METHODS FOR MEASURING LIPID
OXIDATION
Numerous analytical methods are routinely used for
measuring lipid oxidation in foods. However, there is no uniform and standard
method for detecting all oxidative changes in all food systems. Therefore, it
is necessary to select a proper and adequate method for a particular
application. The available methods to monitor lipid oxidation in foods can be
classified into five groups based on what they measure: the absorption of
oxygen, the loss of initial substrates, the formation of free radicals, and the
formation of primary and secondary oxidation products. A number of physical and
chemical tests, including instrumental analyses, have been employed in
laboratories and the industry for measurement of various lipid oxidation
parameters.

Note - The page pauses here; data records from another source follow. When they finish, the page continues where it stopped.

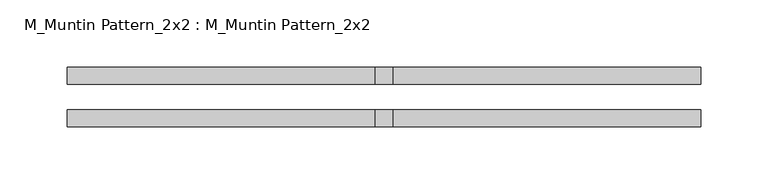
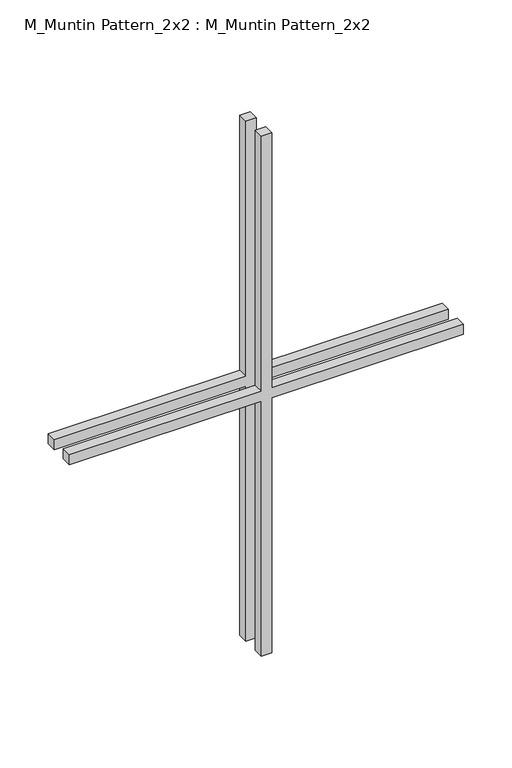
"""IFC4 building model written with IfcOpenShell, lengths in millimetres: proxy geometry, M_Muntin Pattern_2x2 : M_Muntin Pattern_2x2."""

from ifc_helpers import new_model, si_unit, frame, origin, place, context, project, spatial, polyline, outline, extrude, source, transform, mapped, element, save


def m_muntin_pattern_2x2_m_muntin_pattern_2x2_8d9e5da3(model_context):
    return source(origin(), model_context, "Body", "SweptSolid", [
        extrude(outline(polyline([(336.5, -6.35), (336.5, -236.5375), (323.8, -236.5375), (323.8, -6.35), (0.0, -6.35), (0.0, 6.35), (323.8, 6.35), (323.8, 236.5375), (336.5, 236.5375), (336.5, 6.35), (660.3, 6.35), (660.3, -6.35), (336.5, -6.35)])), frame((0.0, 9.525, 0.0), z_axis=(0.0, 1.0, 0.0), x_axis=(0.0, 0.0, 1.0)), (0.0, 0.0, 1.0), 12.7),
        extrude(outline(polyline([(336.5, -6.35), (336.5, -236.5375), (323.8, -236.5375), (323.8, -6.35), (0.0, -6.35), (0.0, 6.35), (323.8, 6.35), (323.8, 236.5375), (336.5, 236.5375), (336.5, 6.35), (660.3, 6.35), (660.3, -6.35), (336.5, -6.35)])), frame((0.0, -22.225, 0.0), z_axis=(0.0, 1.0, 0.0), x_axis=(0.0, 0.0, 1.0)), (0.0, 0.0, 1.0), 12.7),
    ])


if __name__ == "__main__":
    model = new_model("IFC4")
    model_context = context("Model", 3, world=origin())
    ifc_project = project(units=[si_unit("LENGTHUNIT", "METRE", prefix="MILLI")], contexts=[model_context])
    site = spatial("IfcSite", under=ifc_project)
    building = spatial("IfcBuilding", under=site)
    placement = place(None, origin())
    m_muntin_pattern_2x2_m_muntin_pattern_2x2_shape = m_muntin_pattern_2x2_m_muntin_pattern_2x2_8d9e5da3(model_context)
    element("IfcBuildingElementProxy", 1, Name="M_Muntin Pattern_2x2 : M_Muntin Pattern_2x2", ObjectType="M_Muntin Pattern_2x2 : M_Muntin Pattern_2x2", at=placement, inside=building, context=model_context, shape_type="MappedRepresentation", body=[
        mapped(m_muntin_pattern_2x2_m_muntin_pattern_2x2_shape, transform((0.0, 0.0, 0.0), x_axis=(1.0, 0.0, 0.0), y_axis=(0.0, 1.0, 0.0), z_axis=(0.0, 0.0, 1.0))),
    ])
    save(model, "model.ifc")

# Revit data of these elements
# Type "M_Muntin Pattern_2x2 : M_Muntin Pattern_2x2"
#   Width [instance default] = 3' - 11.24409"
#   Thickness = 0' - 0 1/2"
#   Height [instance default] = 3' - 11.24409"
#   Distance = 0' - 0 3/4"
#   Interior Material [instance default] = none
#   Exterior Material [instance default] = none
#   Default Elevation = 0
# Element 1 (IfcBuildingElementProxy, "M_Muntin Pattern_2x2 : M_Muntin Pattern_2x2")
#   Width = 1' - 6 5/8"
#   Height = 2' - 1.99606"
#   Interior Material = Wood - Stained
#   Exterior Material = Clad - White
#   Materials on its faces: "Clad - White", "Wood - Stained"
# Materials
#   "Clad - White": class "Wood", colour RGB 242 242 238, transparency 0, Cost = 0
#   "Wood - Stained": class "Wood", colour RGB 224 178 126, transparency 0, Cost = 0

These include the weight-gain and headspace oxygen uptake method
for oxygen absorption; chromatographic analysis for changes in reactants; iodometric
titration, ferric ion complexes, and Fourier transform infrared (FTIR) method
for peroxide value; spectrometry for conjugated dienes and trienes,
2-thiobarbituric acid (TBA) value, p-anisidine value (p-AnV), and carbonyl
value; Rancimat and Oxidative Stability Instrument (OSI) method for oil
stability index; and electron spin resonance (ESR) spectrometric assay for
free-radical type and concentration. Other techniques based on different
principles, such as differential scanning calorimetry (DSC) and nuclear
magnetic resonance (NMR), have also been used for measuring lipid oxidation. In
addition, sensory tests provide subjective or objective evaluation of oxidative
deterioration, depending on certain details.